Common causes of anxiety disorders
- High degree of comorbidity among the different anxiety-related disorders (they often coocur).
- Genetic component: concordance rate 5 times higher for identical twins than for fraternal twins or ordinary siblings (related to heretibility studies)
- Two types of risk factors involved: general and specific risk factors
Concordance rate
Probability that a person with a particular familial relationship to a patient has the same disorder as patient.
Comorbidity
Occurrence of two or more disorders in a single individual at a given point in time.
Specific phobia
A pronounced fear of or anxiety about a particular object or situation (e.g., spiders, snakes, heights, blood, flying). The subject typically has some realistic potential for harm.
- May have significant impact on the life of a person as they develop elaborate strategies to avoid the object or situation.
- Women twice as likely as men to have a specific phobia, although rates vary by phobia
- Scope of a phobia may increase over time (generalization)
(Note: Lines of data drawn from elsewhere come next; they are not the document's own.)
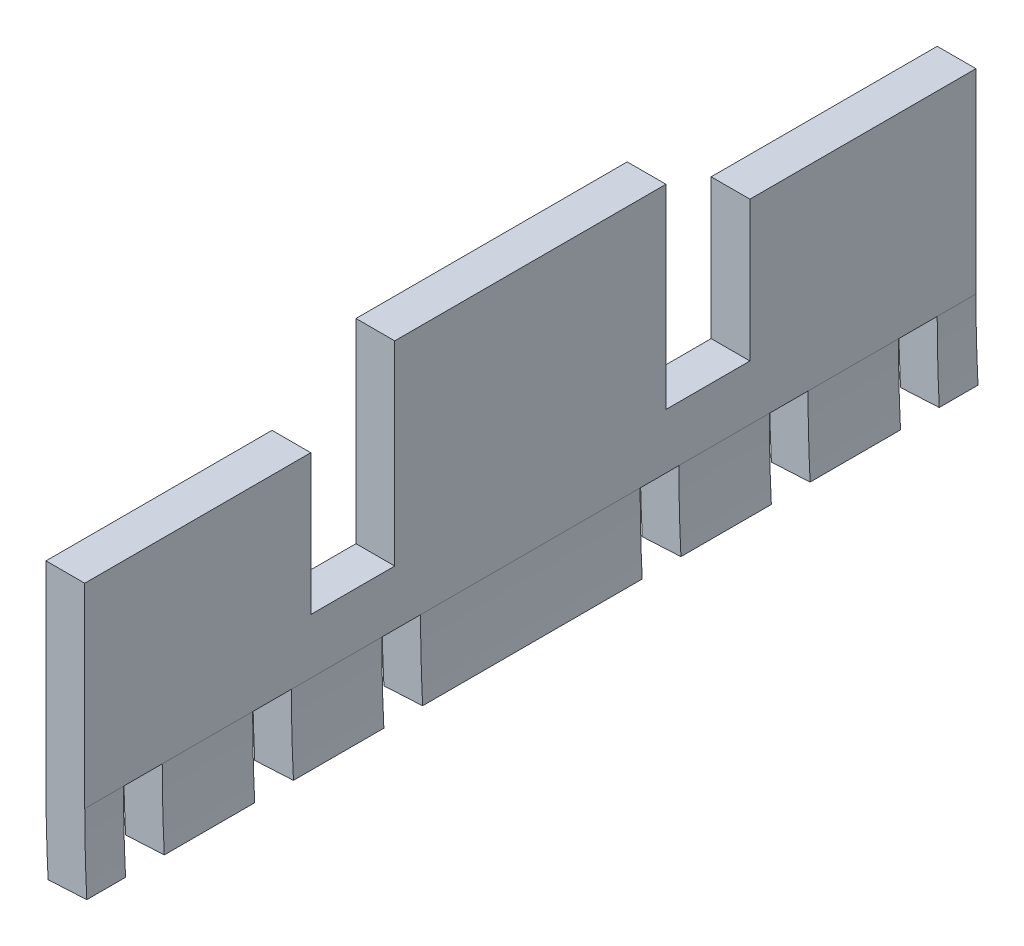
SolidWorks part; units mm, degrees
ref_plane "Front Plane" through (0, 0, 0) normal (0, 0, 1) x (1, 0, 0)
ref_plane "Top Plane" through (0, 0, 0) normal (0, 1, 0) x (1, 0, 0)
ref_plane "Right Plane" through (0, 0, 0) normal (1, 0, 0) x (0, 0, -1)
sketch "Sketch1" plane through (0, 0, 0) normal (0, 0, 1) x (1, 0, 0)
  line L0 (0, 0) -> (-437.5819, 0) construction
  line L1 (0, 0) -> (-350.4093, -18.3642) construction
  line L2 (-236.1759, -12.3775) -> (-230.1841, -12.0634)
  line L3 (-230.5, 0) -> (-230.5, 38.7225)
  line L4 (-236.5, 0) -> (-236.5, 38.7225)
  line L5 (-236.5, 38.7225) -> (-230.5, 38.7225)
  arc A0 (-236.5, 0) -> (-236.1759, -12.3775) centre (0, 0) ccw
  arc A1 (-230.5, 0) -> (-230.1841, -12.0634) centre (0, 0) ccw
  dimension "D1" = 461
  dimension "D2" = 473
  dimension "D3" = 3
  dimension "D4" = 51.1
extrude "Boss-Extrude1" add sketch "Sketch1" along normal mid plane 138
sketch "Sketch5" plane through (0, 0, 0) normal (1, 0, 0) x (0, 0, -1)
  line L0 (0, 0) -> (0, -54.0648) construction
  line L1 (-69, 0) -> (69, 0) construction
  line L2 (-63, -28.7498) -> (-57, -28.7498)
  line L3 (-63, -28.7498) -> (-63, 0)
  line L4 (-63, 0) -> (-57, 0)
  line L5 (-57, -28.7498) -> (-57, 0)
  line L6 (-69, 0) -> (-69, -12.0634) construction
  line L7 (-43, -28.7498) -> (-37, -28.7498)
  line L8 (-43, -28.7498) -> (-43, 0)
  line L9 (-43, 0) -> (-37, 0)
  line L10 (-37, -28.7498) -> (-37, 0)
  line L11 (-23, -28.7498) -> (-17, -28.7498)
  line L12 (-23, -28.7498) -> (-23, 0)
  line L13 (-23, 0) -> (-17, 0)
  line L14 (-17, -28.7498) -> (-17, 0)
  line L15 (17, -28.7498) -> (17, 0)
  line L16 (23, 0) -> (17, 0)
  line L17 (23, -28.7498) -> (23, 0)
  line L18 (23, -28.7498) -> (17, -28.7498)
  line L19 (37, -28.7498) -> (37, 0)
  line L20 (43, 0) -> (37, 0)
  line L21 (43, -28.7498) -> (43, 0)
  line L22 (43, -28.7498) -> (37, -28.7498)
  line L23 (57, -28.7498) -> (57, 0)
  line L24 (63, 0) -> (57, 0)
  line L25 (63, -28.7498) -> (63, 0)
  line L26 (63, -28.7498) -> (57, -28.7498)
  dimension "D1" = 6
  dimension "D2" = 6
  dimension "D3" = 14
  dimension "D4" = 40
extrude "Cut-Extrude5" cut sketch "Sketch5" against normal through all
sketch "Sketch3" plane through (-230.5, 0, 0) normal (1, 0, 0) x (0, 0, -1)
  line L0 (0, 38.7225) -> (0, 14.6129) construction
  line L1 (-69, 38.7225) -> (69, 38.7225) construction
  line L2 (-69, 30.2225) -> (-34, 30.2225)
  line L3 (-69, 0) -> (-69, 38.7225) construction
  line L4 (-34, 30.2225) -> (-34, 8.5225)
  line L5 (-34, 8.5225) -> (-21, 8.5225)
  line L6 (-21, 8.5225) -> (-21, 38.7225)
  line L7 (-69, 30.2225) -> (-69, 38.7225)
  line L8 (-69, 38.7225) -> (-21, 38.7225)
  line L9 (21, 8.5225) -> (21, 38.7225)
  line L10 (69, 38.7225) -> (21, 38.7225)
  line L11 (69, 30.2225) -> (69, 38.7225)
  line L12 (34, 8.5225) -> (21, 8.5225)
  line L13 (34, 30.2225) -> (34, 8.5225)
  line L14 (69, 30.2225) -> (34, 30.2225)
  dimension "D1" = 35
  dimension "D2" = 13
  dimension "D3" = 30.2
  dimension "D4" = 8.5
extrude "Cut-Extrude1" cut sketch "Sketch3" against normal through all
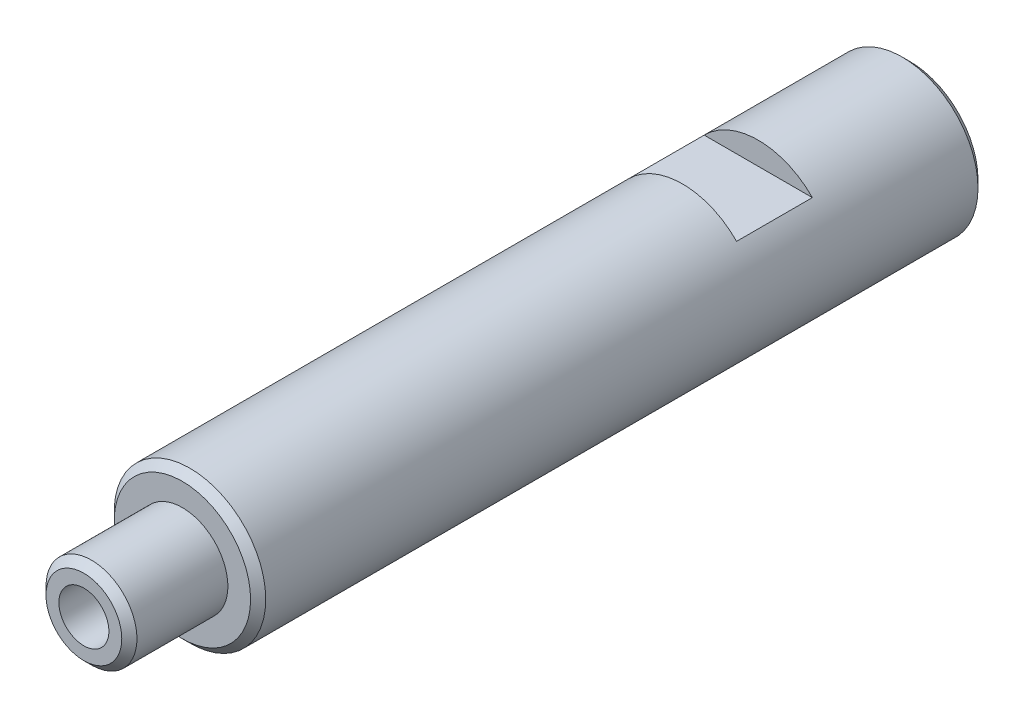
from build123d import *

# Parameters (mm, degrees)
SKETCH1_R             = 5
BOSS_EXTRUDE1_DEPTH   = 48
SKETCH2_R             = 3
BOSS_EXTRUDE2_DEPTH   = 6.5
M4_TAPPED_HOLE1_D     = 3.3
M4_TAPPED_HOLE1_DEPTH = 10.1
M4_TAPPED_HOLE1_TIP   = 0.991420021
M5_TAPPED_HOLE1_D     = 4.2
M5_TAPPED_HOLE1_DEPTH = 12.4
M5_TAPPED_HOLE1_TIP   = 1.2618073
CHAMFER1_SIZE         = 0.5
CUT_EXTRUDE1_START    = 5
SKETCH7_W             = 10
SKETCH7_H             = 5
CUT_EXTRUDE1_DEPTH    = 1.5


with BuildPart() as part:
    # Sketch1 → Boss-Extrude1 (new body)
    with BuildSketch(Plane.XY):
        Circle(SKETCH1_R)
    extrude(amount=BOSS_EXTRUDE1_DEPTH)

    # Sketch2 → Boss-Extrude2 (add)
    with BuildSketch(Plane.XY.offset(48)):
        with Locations(Location((0, 0, 0), (0, 0, 180))):
            Circle(SKETCH2_R)
    extrude(amount=BOSS_EXTRUDE2_DEPTH)

    # M4 Tapped Hole1
    with Locations(Plane.XY.offset(54.5)):
        with Locations((0, 0)):
            Hole(M4_TAPPED_HOLE1_D / 2, depth=M4_TAPPED_HOLE1_DEPTH)
            with Locations((0, 0, -(M4_TAPPED_HOLE1_DEPTH + M4_TAPPED_HOLE1_TIP / 2))):  # 118° drill point
                Cone(0, M4_TAPPED_HOLE1_D / 2, M4_TAPPED_HOLE1_TIP, mode=Mode.SUBTRACT)

    # M5 Tapped Hole1
    with Locations(Plane(origin=(0, 0, 0), x_dir=(-1, 0, 0), z_dir=(0, 0, -1))):
        with Locations((0, 0)):
            Hole(M5_TAPPED_HOLE1_D / 2, depth=M5_TAPPED_HOLE1_DEPTH)
            with Locations((0, 0, -(M5_TAPPED_HOLE1_DEPTH + M5_TAPPED_HOLE1_TIP / 2))):  # 118° drill point
                Cone(0, M5_TAPPED_HOLE1_D / 2, M5_TAPPED_HOLE1_TIP, mode=Mode.SUBTRACT)

    # Chamfer1
    chamfer1_edges = [part.edges().sort_by_distance(p)[0] for p in [
        (-5, 0, 0),
        (-5, 0, 48),
        (3, 0, 54.5),
    ]]
    chamfer(chamfer1_edges, length=CHAMFER1_SIZE)

    # Sketch7 → Cut-Extrude1 (cut, symmetric)
    with BuildSketch(Plane(origin=(0, 0, 0), x_dir=(1, 0, 0), z_dir=(0, 1, 0)).offset(CUT_EXTRUDE1_START)):
        with Locations((0, -12.5)):
            Rectangle(SKETCH7_W, SKETCH7_H)
    cut_extrude1 = extrude(amount=CUT_EXTRUDE1_DEPTH, both=True, mode=Mode.SUBTRACT)

    # Mirror1: Cut-Extrude1 across plane
    add(cut_extrude1.mirror(Plane.ZX), mode=Mode.SUBTRACT)


solid = part.part
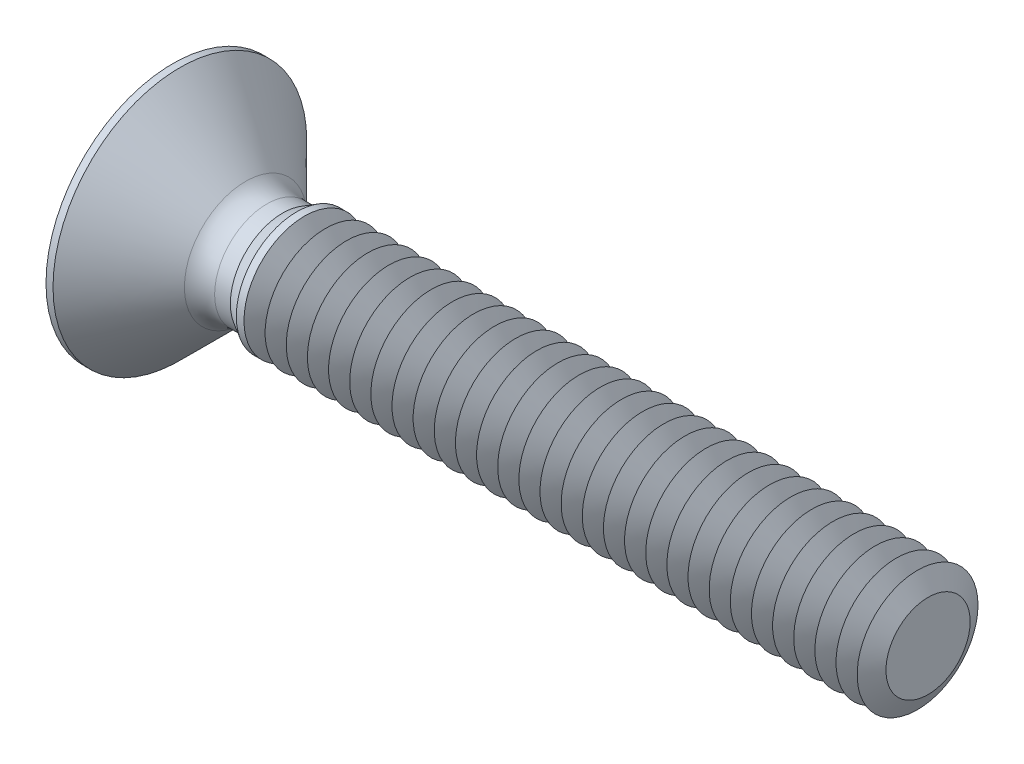
from build123d import *

# Parameters (mm, degrees)
PATTERN_LINEAR_1_COUNT   = 30
PATTERN_LINEAR_1_PITCH   = 0.7
PATTERN_CIRCULAR_1_COUNT = 2
PATTERN_CIRCULAR_1_ANGLE = 90


with BuildPart() as part:
    # 草图1 → Revolve 689 (revolve)
    with BuildSketch(Plane.XY, mode=Mode.PRIVATE) as revolve_689_sk:
        with BuildLine():
            Line((0, 0), (0, 4.2))
            Line((0, 4.2), (0.232, 4.2))
            Line((0.232, 4.2), (2.407106781, 2.024893219))
            ThreePointArc((2.407106781, 2.024893219), (2.73153013, 1.808120467), (3.114213562, 1.732))
            Line((3.114213562, 1.732), (3.635810384, 1.732))
            Line((3.635810384, 1.732), (4.1, 2))
            Line((4.1, 2), (25, 2))
            Line((25, 2), (25, 0))
            Line((25, 0), (0, 0))
        make_face()
    revolve(revolve_689_sk.sketch.rotate(Axis((0, 0, 0), (1, 0, 0)), 90), axis=Axis((0, 0, 0), (1, 0, 0)))

    # 草图2 → 切除-旋转1 (revolve, cut)
    with BuildSketch(Plane.XY, mode=Mode.PRIVATE) as cut_revolve_1_sk:
        Polygon((24.653791204, 2), (25.353791204, 2), (25, 1.3938), align=None)
    cut_revolve_1 = revolve(cut_revolve_1_sk.sketch.rotate(Axis((0, 0, 0), (-1, 0, 0)), 270), axis=Axis((0, 0, 0), (-1, 0, 0)), mode=Mode.SUBTRACT)

    # 阵列(线性)1: 切除-旋转1 ×30
    with Locations(*[(-i * PATTERN_LINEAR_1_PITCH, 0, 0) for i in range(1, PATTERN_LINEAR_1_COUNT)]):
        add(cut_revolve_1, mode=Mode.SUBTRACT)

    # 草图3 → 切除-放样1 section 0
    with BuildSketch(Plane.ZY, mode=Mode.PRIVATE) as loft_1_s0:
        with BuildLine():
            Line((-2.3, 0.35), (2.3, 0.35))
            Line((2.3, 0.35), (2.3, -0.35))
            Line((2.3, -0.35), (-2.3, -0.35))
            Line((-2.3, -0.35), (-2.3, 0.35))
        make_face()
    loft_1 = loft([loft_1_s0.sketch, Vertex(2.6, 0, 0)], mode=Mode.SUBTRACT)

    # 阵列(圆周)1: 切除-放样1 ×2 about axis
    pattern_circular_1_axis = Axis((0, 0, 0), (1, 0, 0))
    for i in range(1, PATTERN_CIRCULAR_1_COUNT):
        add(loft_1.rotate(pattern_circular_1_axis, i * PATTERN_CIRCULAR_1_ANGLE / (PATTERN_CIRCULAR_1_COUNT - 1)), mode=Mode.SUBTRACT)


solid = part.part
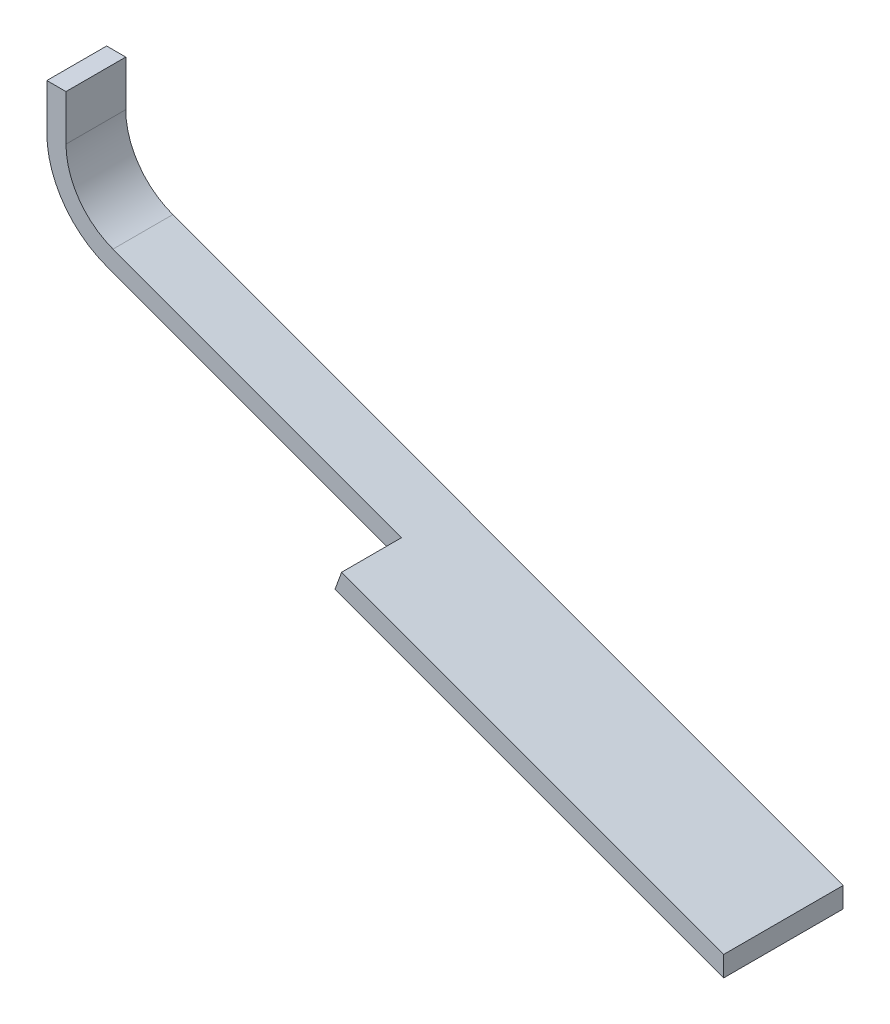
SolidWorks part; units mm, degrees
ref_plane "前视基准面" through (0, 0, 0) normal (0, 0, 1) x (1, 0, 0)
ref_plane "上视基准面" through (0, 0, 0) normal (0, 1, 0) x (1, 0, 0)
ref_plane "右视基准面" through (0, 0, 0) normal (1, 0, 0) x (0, 0, -1)
sketch "草图1" plane through (0, 0, 0) normal (0, 0, 1) x (1, 0, 0)
  line L0 (-158.4998, 75.4998) -> (-158.4998, 56.4529)
  line L1 (-133.5815, 20.7756) -> (146.7461, -82.0112)
  line L2 (-150.4998, 75.4998) -> (-150.4998, 56.4529)
  line L3 (-130.8275, 28.2866) -> (149.5002, -74.5002)
  line L4 (-158.4998, 75.4998) -> (-150.4998, 75.4998)
  line L5 (149.5002, -74.5002) -> (149.5002, -83.021)
  line L6 (146.7461, -82.0112) -> (149.5002, -83.021)
  arc A0 (-150.4998, 56.4529) -> (-130.8275, 28.2866) centre (-120.4998, 56.4529) ccw
  arc A1 (-158.4998, 56.4529) -> (-133.5815, 20.7756) centre (-120.4998, 56.4529) ccw
  dimension "D1" = 30
  dimension "D2" = 8
extrude "凸台-拉伸1" add sketch "草图1" along normal blind 50
sketch "草图2" plane through (-9.116, -24.8617, 0) normal (-0.3443, -0.9389, 0) x (0.9389, -0.3443, 0)
  line L0 (168.9425, 50) -> (-177.1686, 50)
  line L1 (-4.113, 50) -> (-4.113, 25)
  line L2 (-4.113, 25) -> (-4.113, 0)
  line L3 (-132.5686, 0) -> (168.9425, 0) construction
  line L4 (-4.113, 25) -> (-174.8029, 25)
  line L5 (-174.8029, 50) -> (-174.8029, 0) construction
  line L6 (-174.8029, 25) -> (-174.8029, 0)
  line L7 (-174.8029, 0) -> (-4.113, 0)
  line L8 (-174.8029, 25) -> (-174.8029, 50)
  line M4 (-132.5686, 50) -> (-132.5686, 0)
extrude "切除-拉伸1" cut sketch "草图2" against normal blind 49 contours L4 L1 L0 M4 | L8 L4 L0 M4
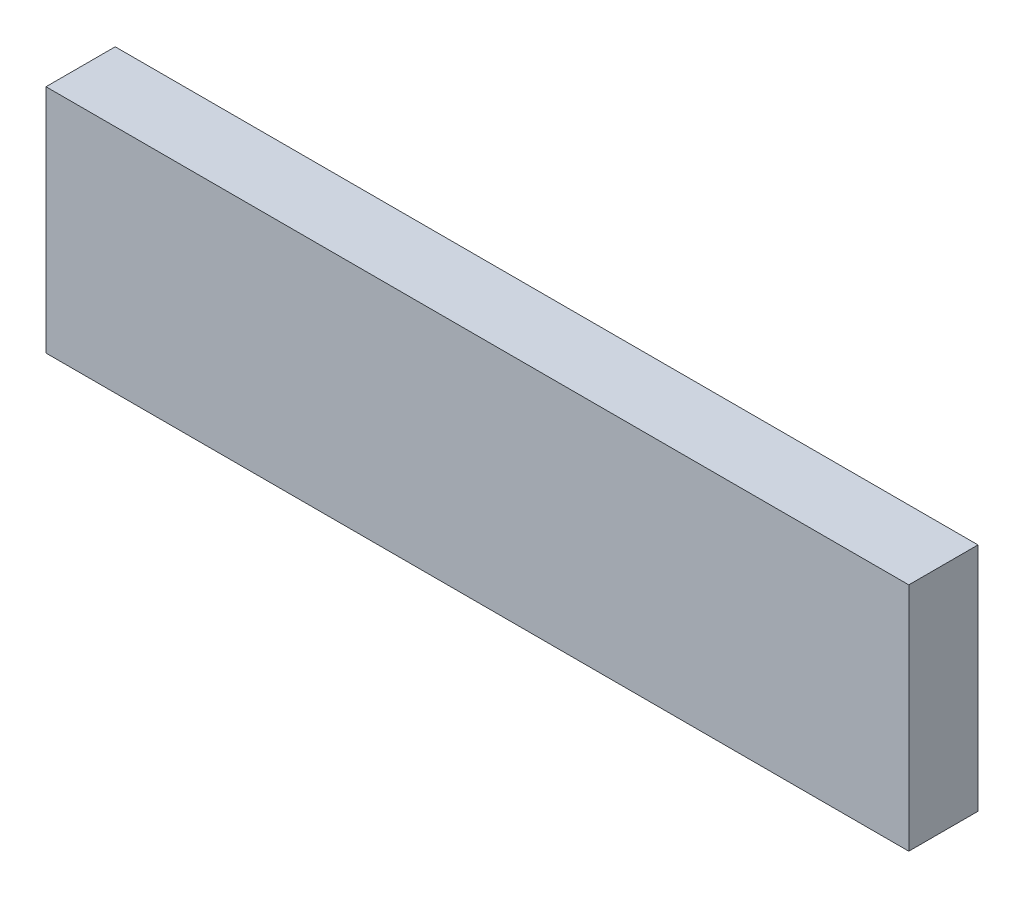
SolidWorks part; units mm, degrees
material "1023 碳钢板 (SS)"
ref_plane "前视基准面" through (0, 0, 0) normal (0, 0, 1) x (1, 0, 0)
ref_plane "上视基准面" through (0, 0, 0) normal (0, 1, 0) x (1, 0, 0)
ref_plane "右视基准面" through (0, 0, 0) normal (1, 0, 0) x (0, 0, -1)
sketch "草图1" plane through (0, 0, 0) normal (0, 0, 1) x (1, 0, 0)
  line L1 (93.5, 25) -> (-93.5, 25)
  line L2 (93.5, 25) -> (93.5, -25)
  line L3 (93.5, -25) -> (-93.5, -25)
  line L4 (-93.5, 25) -> (-93.5, -25)
  line L5 (93.5, 25) -> (-93.5, -25) construction
  line L6 (93.5, -25) -> (-93.5, 25) construction
  point P0 (0, 0)
  dimension "D1" = 187
  dimension "D2" = 50
extrude "凸台-拉伸1" add sketch "草图1" along normal blind 15

Potential causes and predisposing factors of specific phobias
Classical conditioning:
- Learning: ~40% of people with phobias report a traumatic situation where they first acquired the fear (ex: bitten by a dog)
- Fear may then become generalized (ex: to all dogs)
Observational learning
- May develop phobias through observation & imitation
- Preparedness: may be biologically predisposed to form connections between certain stimuli (e.g., spiders, snakes) that have historically posed a threat & fear
- Ex: Monkeys fearing snakes after seeing a videos of another monkey scared of a snake.
Social anxiety disorder
An anxiety disorder characterized by extreme fear of being watched, evaluated, and judged by others.
- Typically emerges in childhood or adolescence
- Places individuals at increased risk for depression and substance abuse
- Women and men are equally affected
Ex: Not being able to eat in restaurants.
Panic disorder
Anxiety disorder characterized by repeated panic attacks & debilitating fear of future attacks.
- More common in women than men
Panic attack
Sudden episode of intense, uncontrollable anxiety & autonomic arousal in the absence of real threat.
- Bodily symptoms: laboured breathing, choking, dizziness, tingling hands and feet, sweating, trembling, heart palpitations, chest pain, nausea.
- Symptoms can be really unsettling, and are sometimes even compared to having a heart attack or even dying.
Agoraphobia
Fear of being in situations in which help might not be available or escape might be difficult or embarrassing.
- Common outcome of panic disorder, as one may fear having a panic attach in public places.
E.g., fear of being outside of home or other designated “safe” places, using
public transportation, standing in line or in a crowd.